Quantos conhecidos provérbios sobre aparências se podem aplicar às muitas histórias que as famílias contam à mesa ou em momentos de partilha? No seio de cada família há segredos e mentiras, histórias mal contadas ou simplesmente retratadas pela aparência. E tudo para manter um certo aspeto de normalidade. Tudo está bem, até prova em contrário, dir-se-ia. Ao entrarmos em Definitivamente as Bahamas, peça do dramaturgo inglês Martin Crimp, encenada por Ricardo Neves-Neves, com produção do Teatro do Eléctrico, que se estreia esta semana no Cineteatro Louletano (de 19 a 21 de janeiro), o ambiente floral e a alusão à vida em família não parece demonstrar o contrário. Mas as aparências – claro, está – enganam.

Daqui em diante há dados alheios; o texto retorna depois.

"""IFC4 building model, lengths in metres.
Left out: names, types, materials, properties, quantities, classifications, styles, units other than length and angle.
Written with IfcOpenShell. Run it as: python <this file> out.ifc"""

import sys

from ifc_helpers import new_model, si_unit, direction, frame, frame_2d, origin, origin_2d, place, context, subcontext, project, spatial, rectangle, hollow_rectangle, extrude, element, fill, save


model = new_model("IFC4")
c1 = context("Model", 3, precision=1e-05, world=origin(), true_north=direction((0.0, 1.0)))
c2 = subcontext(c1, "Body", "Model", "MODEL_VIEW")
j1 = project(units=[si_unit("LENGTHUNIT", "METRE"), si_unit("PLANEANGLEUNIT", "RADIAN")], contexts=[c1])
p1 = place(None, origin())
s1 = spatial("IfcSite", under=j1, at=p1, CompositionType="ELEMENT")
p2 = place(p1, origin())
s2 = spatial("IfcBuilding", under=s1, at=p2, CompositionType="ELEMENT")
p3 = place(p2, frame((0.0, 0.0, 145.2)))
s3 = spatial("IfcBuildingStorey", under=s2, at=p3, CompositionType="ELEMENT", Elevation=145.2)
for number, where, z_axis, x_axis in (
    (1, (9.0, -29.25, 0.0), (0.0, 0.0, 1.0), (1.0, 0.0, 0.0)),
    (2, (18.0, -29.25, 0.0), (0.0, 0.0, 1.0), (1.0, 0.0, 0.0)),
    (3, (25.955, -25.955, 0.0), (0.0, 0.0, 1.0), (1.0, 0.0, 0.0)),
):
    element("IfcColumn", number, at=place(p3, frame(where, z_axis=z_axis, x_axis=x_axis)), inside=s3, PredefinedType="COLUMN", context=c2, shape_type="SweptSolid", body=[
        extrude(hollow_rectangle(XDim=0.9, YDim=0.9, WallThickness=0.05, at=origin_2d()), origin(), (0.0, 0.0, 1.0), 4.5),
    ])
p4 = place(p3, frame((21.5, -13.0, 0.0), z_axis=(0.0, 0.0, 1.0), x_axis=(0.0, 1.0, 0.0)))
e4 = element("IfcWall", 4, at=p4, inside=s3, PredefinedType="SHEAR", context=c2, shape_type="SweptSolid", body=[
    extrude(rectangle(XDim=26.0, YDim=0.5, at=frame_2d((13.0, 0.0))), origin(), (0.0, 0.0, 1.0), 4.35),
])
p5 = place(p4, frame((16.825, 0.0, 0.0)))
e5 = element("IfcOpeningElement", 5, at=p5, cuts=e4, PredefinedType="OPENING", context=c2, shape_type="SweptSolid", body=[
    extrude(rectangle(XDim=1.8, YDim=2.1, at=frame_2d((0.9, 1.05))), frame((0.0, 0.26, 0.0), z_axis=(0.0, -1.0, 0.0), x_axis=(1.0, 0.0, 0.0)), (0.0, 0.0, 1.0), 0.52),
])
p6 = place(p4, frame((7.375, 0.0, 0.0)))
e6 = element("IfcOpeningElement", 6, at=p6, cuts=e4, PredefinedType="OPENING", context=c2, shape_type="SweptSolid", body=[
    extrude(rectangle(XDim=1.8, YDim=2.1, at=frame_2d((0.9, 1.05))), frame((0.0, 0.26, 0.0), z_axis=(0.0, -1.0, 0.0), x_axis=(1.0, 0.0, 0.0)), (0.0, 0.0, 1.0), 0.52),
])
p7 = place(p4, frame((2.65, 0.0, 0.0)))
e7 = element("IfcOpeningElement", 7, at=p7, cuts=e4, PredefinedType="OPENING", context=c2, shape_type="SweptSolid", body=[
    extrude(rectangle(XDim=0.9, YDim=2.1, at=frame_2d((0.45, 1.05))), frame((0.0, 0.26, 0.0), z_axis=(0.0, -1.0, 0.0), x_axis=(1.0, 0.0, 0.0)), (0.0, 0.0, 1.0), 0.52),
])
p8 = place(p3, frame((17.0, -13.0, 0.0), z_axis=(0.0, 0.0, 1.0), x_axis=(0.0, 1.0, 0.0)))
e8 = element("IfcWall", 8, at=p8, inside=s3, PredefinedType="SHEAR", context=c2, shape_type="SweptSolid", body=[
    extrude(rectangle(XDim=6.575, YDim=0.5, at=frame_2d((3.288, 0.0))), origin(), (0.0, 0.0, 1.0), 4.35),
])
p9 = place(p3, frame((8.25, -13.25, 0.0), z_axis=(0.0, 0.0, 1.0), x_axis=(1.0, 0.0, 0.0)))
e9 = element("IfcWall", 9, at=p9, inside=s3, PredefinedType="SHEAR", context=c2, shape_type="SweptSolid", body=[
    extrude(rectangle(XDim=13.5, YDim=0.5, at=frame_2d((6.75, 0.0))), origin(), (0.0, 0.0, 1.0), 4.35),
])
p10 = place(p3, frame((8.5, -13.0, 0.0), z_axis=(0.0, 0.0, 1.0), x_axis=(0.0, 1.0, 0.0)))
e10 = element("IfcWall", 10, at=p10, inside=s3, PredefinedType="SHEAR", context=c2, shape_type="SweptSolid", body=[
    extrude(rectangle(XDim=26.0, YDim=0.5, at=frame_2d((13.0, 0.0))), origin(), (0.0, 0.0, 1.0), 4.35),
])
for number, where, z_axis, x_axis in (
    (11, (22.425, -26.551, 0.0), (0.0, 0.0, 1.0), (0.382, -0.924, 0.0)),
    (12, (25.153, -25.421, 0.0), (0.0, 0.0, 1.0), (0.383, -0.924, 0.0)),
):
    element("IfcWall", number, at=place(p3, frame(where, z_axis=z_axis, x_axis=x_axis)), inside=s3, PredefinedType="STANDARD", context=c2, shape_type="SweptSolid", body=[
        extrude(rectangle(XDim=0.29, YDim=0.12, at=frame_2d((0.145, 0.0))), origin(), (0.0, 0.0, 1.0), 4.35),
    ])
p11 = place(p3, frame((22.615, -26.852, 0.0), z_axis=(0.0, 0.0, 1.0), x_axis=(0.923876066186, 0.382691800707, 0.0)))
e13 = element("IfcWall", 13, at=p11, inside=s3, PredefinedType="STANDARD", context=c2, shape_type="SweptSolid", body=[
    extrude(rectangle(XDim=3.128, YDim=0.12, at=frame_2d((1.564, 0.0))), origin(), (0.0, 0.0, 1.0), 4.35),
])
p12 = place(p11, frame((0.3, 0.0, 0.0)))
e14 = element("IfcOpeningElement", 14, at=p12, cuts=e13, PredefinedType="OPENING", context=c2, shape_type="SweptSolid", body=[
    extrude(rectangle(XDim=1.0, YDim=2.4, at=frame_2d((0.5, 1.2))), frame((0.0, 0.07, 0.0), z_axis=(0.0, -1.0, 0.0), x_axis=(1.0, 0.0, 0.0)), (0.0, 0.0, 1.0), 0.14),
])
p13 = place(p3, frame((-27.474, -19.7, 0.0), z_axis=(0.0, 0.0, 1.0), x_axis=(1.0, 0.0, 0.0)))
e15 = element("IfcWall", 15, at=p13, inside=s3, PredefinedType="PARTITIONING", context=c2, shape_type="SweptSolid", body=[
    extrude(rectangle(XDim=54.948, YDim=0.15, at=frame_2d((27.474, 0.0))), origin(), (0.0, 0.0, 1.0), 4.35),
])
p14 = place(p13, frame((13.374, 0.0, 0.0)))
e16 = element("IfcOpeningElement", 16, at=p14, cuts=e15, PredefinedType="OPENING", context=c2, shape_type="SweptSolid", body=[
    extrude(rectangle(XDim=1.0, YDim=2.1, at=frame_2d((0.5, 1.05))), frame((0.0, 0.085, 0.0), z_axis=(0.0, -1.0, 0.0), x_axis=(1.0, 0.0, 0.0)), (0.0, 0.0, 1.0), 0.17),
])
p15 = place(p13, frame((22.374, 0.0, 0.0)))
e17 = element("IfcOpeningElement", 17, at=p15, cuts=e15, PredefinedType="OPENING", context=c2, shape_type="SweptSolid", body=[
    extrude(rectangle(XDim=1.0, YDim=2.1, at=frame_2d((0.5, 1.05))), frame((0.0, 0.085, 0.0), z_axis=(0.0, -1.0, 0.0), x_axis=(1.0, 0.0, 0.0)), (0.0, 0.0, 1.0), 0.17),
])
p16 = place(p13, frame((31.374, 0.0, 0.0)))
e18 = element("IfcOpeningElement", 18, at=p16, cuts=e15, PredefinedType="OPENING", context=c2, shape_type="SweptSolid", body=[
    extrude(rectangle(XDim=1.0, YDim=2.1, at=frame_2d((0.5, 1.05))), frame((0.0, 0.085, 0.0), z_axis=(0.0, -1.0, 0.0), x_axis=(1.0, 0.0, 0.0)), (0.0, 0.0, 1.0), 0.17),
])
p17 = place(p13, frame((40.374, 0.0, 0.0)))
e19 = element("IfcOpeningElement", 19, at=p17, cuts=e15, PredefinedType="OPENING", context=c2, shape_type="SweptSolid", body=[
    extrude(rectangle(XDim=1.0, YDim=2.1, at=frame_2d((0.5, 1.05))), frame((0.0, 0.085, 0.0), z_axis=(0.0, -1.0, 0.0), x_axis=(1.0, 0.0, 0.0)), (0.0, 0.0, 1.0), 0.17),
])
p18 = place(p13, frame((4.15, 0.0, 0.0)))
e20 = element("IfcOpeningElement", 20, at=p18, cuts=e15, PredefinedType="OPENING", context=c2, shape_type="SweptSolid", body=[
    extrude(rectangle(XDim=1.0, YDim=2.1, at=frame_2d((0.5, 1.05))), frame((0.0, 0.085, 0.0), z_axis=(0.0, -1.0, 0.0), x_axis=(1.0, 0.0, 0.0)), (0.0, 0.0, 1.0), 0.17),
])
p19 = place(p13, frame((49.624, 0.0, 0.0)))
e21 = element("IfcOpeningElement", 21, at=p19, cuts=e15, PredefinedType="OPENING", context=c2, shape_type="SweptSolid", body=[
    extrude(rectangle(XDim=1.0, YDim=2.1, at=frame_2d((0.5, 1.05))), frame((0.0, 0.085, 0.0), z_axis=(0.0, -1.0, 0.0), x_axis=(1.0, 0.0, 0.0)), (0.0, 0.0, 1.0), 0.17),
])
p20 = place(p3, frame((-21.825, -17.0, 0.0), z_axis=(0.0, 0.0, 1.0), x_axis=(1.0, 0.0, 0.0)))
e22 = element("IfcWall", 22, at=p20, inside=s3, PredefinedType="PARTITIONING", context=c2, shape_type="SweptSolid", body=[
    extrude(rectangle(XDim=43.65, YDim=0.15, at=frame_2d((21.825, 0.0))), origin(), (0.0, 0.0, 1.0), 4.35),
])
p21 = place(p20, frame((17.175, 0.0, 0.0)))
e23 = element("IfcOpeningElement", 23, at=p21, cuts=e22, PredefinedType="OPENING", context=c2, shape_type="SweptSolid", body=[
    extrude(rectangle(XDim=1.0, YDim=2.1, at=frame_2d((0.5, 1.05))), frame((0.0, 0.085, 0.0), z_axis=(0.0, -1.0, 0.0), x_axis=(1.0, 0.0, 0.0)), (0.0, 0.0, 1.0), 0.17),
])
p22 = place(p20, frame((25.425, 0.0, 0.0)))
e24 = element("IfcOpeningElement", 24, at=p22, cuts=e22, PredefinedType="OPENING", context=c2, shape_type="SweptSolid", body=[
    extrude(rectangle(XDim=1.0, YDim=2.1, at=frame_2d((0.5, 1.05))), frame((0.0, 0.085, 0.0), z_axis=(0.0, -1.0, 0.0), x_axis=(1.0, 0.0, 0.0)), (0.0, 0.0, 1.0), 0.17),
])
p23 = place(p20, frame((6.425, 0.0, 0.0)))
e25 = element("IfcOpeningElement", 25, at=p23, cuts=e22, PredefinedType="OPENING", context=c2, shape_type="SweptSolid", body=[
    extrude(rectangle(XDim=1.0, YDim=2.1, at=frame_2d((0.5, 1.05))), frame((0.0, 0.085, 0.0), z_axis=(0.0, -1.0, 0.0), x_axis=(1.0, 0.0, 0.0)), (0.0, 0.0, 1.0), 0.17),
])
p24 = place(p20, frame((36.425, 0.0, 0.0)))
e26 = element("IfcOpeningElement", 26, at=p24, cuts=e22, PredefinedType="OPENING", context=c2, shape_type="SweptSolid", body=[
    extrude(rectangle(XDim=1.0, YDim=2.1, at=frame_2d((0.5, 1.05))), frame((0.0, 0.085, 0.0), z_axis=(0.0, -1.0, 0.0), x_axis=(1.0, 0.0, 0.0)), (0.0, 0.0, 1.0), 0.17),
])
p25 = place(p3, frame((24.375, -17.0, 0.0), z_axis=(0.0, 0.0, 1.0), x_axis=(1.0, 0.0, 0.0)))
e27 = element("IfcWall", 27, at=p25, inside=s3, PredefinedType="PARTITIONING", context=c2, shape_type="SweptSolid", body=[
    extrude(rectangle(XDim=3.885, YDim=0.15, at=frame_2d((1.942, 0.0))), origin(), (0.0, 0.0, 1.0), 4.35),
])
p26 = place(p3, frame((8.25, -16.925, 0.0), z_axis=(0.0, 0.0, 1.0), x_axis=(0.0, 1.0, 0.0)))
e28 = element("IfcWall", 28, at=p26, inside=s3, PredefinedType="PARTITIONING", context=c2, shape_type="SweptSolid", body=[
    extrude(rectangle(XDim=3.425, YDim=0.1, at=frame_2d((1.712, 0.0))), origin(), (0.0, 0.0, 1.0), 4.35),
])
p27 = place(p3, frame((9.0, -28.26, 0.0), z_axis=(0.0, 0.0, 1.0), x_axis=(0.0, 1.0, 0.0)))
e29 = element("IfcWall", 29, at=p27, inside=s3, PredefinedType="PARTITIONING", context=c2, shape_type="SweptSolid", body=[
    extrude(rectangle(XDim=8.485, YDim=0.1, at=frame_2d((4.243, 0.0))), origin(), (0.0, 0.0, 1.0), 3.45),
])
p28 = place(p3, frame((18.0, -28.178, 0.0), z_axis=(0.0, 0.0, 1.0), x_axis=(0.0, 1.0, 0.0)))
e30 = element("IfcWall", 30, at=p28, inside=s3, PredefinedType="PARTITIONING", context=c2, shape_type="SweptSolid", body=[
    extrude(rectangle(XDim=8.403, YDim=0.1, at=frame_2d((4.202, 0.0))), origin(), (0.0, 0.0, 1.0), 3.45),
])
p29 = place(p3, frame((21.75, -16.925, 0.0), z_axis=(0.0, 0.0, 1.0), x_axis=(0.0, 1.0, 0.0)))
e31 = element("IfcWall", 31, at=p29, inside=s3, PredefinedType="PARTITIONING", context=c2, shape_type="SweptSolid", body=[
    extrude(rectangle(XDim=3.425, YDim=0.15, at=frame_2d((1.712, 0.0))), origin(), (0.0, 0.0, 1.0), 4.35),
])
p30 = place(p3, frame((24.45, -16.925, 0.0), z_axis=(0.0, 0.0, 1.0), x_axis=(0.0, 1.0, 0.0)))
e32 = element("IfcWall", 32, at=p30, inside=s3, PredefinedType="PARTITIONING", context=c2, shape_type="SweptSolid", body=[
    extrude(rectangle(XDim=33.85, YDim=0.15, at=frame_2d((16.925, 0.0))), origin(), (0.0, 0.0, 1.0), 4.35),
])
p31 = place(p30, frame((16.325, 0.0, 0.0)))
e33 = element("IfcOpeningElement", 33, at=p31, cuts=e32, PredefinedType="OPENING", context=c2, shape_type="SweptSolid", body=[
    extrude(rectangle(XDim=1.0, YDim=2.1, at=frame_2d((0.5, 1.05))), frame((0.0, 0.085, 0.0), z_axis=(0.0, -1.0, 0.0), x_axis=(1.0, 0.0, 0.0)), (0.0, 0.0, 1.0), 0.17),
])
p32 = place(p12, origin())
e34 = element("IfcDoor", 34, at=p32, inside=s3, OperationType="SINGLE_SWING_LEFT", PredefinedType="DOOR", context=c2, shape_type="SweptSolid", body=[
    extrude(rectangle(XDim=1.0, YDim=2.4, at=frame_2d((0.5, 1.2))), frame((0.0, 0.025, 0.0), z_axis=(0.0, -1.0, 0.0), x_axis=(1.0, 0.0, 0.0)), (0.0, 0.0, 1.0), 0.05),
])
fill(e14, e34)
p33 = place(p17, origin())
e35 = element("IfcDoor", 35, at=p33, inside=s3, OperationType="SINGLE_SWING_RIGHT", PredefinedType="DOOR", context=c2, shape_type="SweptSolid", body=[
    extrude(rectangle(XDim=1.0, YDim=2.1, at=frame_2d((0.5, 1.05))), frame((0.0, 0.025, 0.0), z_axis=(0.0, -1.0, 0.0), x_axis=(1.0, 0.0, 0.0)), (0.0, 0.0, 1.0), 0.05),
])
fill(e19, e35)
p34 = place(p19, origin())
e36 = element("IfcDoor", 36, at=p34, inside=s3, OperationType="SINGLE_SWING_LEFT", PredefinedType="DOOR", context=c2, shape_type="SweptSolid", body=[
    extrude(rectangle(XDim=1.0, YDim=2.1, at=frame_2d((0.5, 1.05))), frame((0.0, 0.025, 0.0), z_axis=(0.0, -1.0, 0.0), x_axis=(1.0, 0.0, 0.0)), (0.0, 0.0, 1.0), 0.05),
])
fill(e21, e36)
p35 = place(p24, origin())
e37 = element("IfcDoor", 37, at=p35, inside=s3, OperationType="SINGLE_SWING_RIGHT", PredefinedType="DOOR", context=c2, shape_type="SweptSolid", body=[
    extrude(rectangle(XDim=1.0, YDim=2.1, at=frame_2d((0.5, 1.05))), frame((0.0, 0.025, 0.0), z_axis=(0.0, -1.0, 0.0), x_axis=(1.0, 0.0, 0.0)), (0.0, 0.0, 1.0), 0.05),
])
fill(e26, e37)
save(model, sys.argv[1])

Somos aludidos e encarados, olhos nos olhos, pelos intérpretes. Em palco, um casal de sexagenários, Tita (Custódia Gallego) e Gui (Marques D’Arede) relatam os feitos do filho Fred e da sua mulher Irene, a quem a vida corre muito bem. Têm uma boa casa com piscina e viajam um pouco por toda a parte, tanto que nem sabem ao certo quais foram afinal os destinos turísticos por onde já passaram. Tenerife ou Ibiza? Muito possivelmente as Bahamas. Ele lê um jornal para ocupar o tempo, ela oferece bombons, trata das flores e mostra fotografias dos momentos felizes passados em família. O casal aluga um quarto da sua casa a uma jovem estudante originária da Galiza, Sabela (Cristina Gayoso Rey), que de vez em quando cruza a cena para pouco mais do que atender o telefone, mas cuja presença põe em xeque toda a normalidade que se tenta fabricar na descrição do quotidiano.
Tita enumera futilidades. Começa por falar do silêncio da casa, mas não se cala por um momento. No meio de tanto palavreado, revela preconceitos e estereótipos. As migrações, os povos de outros continentes cujos comportamentos reprova, entre muitas outras banalidades que um qualquer político populista coloca hoje no palanque do seu discurso. “Está psicologicamente provado que tudo o que é asiático só quer é dormir com uma europeia”, diz como exemplo, enquanto conta a história de uma tentativa de violação que a mulher do filho sofreu numa viagem a Manila, nas Filipinas. Construída sobre arquétipos, a peça que a princípio evidencia um ambiente idílico, logo põe a descoberto as fragilidades e os choques culturais, dos quais ninguém sai ileso. É a partir das “monstruosidades que diz que se mostra essa dificuldade de aceitar o diferente e o novo”, explica Custódia Gallego. Em paralelo, o espectador assume um trabalho de detetive face ao que é dito. Nada parece exatamente como é, e apesar do tom leve e coloquial, é na superficialidade que se esconde algo mais preocupante e grave. Lá chegaremos.